Dans le sillage des Congrès internationaux sont nés les
Congrès eucharistiques nationaux, diocésains et autres dimensions
territoriales, avec la même finalité: faire connaître et aimer davantage le
Christ dans son mystère eucharistique, source et sommet de la vie et de la
mission de l'Eglise.
L'inspiration et l'idée d'origine qui continuent à animer
les congrès eucharistiques à tous les niveaux ont été résumées dans cette
formule de l'article 2 du statut du Comité pontifical pour les Congrès
eucharistiques internationaux: «Faire toujours mieux connaître, aimer et servir
Notre Seigneur Jésus Christ dans son mystère eucharistique, centre de la vie de
l'Eglise et de sa mission pour le salut du monde».
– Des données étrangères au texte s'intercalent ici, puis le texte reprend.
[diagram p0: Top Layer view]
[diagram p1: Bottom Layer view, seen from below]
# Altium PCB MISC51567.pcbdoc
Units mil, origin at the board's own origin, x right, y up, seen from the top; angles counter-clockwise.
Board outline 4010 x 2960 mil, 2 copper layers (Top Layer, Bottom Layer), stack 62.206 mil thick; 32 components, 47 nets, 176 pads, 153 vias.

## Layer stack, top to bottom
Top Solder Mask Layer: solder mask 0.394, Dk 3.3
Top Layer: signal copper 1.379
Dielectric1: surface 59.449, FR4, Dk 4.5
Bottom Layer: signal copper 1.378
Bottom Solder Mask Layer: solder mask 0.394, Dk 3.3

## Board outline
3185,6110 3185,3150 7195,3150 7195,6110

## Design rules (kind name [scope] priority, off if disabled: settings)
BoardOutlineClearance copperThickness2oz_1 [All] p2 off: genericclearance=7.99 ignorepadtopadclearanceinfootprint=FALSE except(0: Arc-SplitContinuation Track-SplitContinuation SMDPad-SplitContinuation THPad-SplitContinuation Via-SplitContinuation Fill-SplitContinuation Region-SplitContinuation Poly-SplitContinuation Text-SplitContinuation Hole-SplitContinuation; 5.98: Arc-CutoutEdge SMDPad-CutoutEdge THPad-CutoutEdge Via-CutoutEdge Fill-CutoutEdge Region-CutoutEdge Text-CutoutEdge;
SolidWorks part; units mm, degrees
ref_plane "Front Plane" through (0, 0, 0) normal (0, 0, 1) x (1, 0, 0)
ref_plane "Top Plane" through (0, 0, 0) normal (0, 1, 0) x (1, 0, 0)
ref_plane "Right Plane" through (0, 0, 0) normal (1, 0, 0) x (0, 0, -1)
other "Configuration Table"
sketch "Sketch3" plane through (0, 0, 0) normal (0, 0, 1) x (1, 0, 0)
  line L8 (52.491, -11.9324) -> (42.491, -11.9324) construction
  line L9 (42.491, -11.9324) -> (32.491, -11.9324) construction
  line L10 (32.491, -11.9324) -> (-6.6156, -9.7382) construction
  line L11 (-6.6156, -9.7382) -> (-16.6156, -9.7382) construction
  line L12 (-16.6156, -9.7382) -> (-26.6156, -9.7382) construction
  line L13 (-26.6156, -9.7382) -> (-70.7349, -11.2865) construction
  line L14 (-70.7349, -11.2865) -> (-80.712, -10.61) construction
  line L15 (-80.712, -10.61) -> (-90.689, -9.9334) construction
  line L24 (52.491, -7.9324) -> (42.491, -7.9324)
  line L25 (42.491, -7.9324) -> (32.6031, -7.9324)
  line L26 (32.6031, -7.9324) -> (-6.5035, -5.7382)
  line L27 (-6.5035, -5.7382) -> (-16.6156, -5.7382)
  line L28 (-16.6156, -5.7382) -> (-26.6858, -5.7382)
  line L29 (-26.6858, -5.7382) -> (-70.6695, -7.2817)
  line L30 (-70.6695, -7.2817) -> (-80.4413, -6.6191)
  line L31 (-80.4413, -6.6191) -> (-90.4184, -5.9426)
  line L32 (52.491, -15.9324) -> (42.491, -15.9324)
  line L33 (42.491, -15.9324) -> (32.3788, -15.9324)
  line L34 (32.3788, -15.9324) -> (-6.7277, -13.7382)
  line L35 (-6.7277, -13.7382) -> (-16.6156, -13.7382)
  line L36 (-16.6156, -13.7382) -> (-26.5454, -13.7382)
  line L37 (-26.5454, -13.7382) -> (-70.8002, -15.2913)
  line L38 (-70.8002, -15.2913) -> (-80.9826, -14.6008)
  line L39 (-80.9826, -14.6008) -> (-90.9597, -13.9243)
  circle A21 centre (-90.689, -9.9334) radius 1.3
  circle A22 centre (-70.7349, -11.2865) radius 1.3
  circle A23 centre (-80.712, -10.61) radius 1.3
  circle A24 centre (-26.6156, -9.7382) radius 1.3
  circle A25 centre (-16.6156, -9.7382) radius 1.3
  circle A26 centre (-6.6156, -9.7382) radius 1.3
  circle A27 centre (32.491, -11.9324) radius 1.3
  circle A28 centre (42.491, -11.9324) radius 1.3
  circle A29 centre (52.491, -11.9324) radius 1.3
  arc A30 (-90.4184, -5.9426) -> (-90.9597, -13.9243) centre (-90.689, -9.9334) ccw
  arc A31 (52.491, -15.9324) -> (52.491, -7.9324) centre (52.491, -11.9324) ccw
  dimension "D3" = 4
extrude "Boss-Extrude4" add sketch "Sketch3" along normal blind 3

L'appel du cardinal Ouellet
Tous les Congrès eucharistiques internationaux, en tant
qu'événement de l'Eglise universelle, invitent toutes les Eglises particulières
dans le monde à une nouvelle évangélisation. Le cardinal Marc Ouellet,
archevêque de Québec, siège primatial du Canada, a lancé, dans une lettre
pastorale, un puissant appel pour la préparation du 49ème Congrès eucharistique,
qui devrait faire prendre conscience aux catholiques de son pays de leur
indifférence religieuse. L'intention du cardinal est de «rejoindre le grand
mouvement eucharistique international» qui s'affirme un peu partout - surtout
depuis 2000 - dans l'Eglise universelle, en recueillant les fruits du renouveau
liturgique confirmés également par les documents les plus récents sur
l'Eucharistie: de l'Encyclique de Jean-Paul II Ecclesia de Eucharistia (2003)
jusqu'à l'exhortation post-synodale de Benoît XVI Sacramentum caritatis (2007).
Le cardinal a souligné qu'il était désormais temps de porter un nouveau regard
sur l'Eucharistie à partir de la
grande tradition spirituelle et culturelle. «L'heure est venue - écrit-il - de
renouveler la nouvelle alliance, personnelle et communautaire en même temps,
avec nos valeurs et nos pratiques religieuses, et concrètement avec le Christ
qui vient depuis des siècles pour rencontrer notre peuple dans la Sainte
Eucharistie». Des mots qui ont trouvé un fort écho dans la préparation du
Congrès dans tout le Canada.
© L'Osservatore Romano
Cette nouvelle est de l'Agence ZENIT.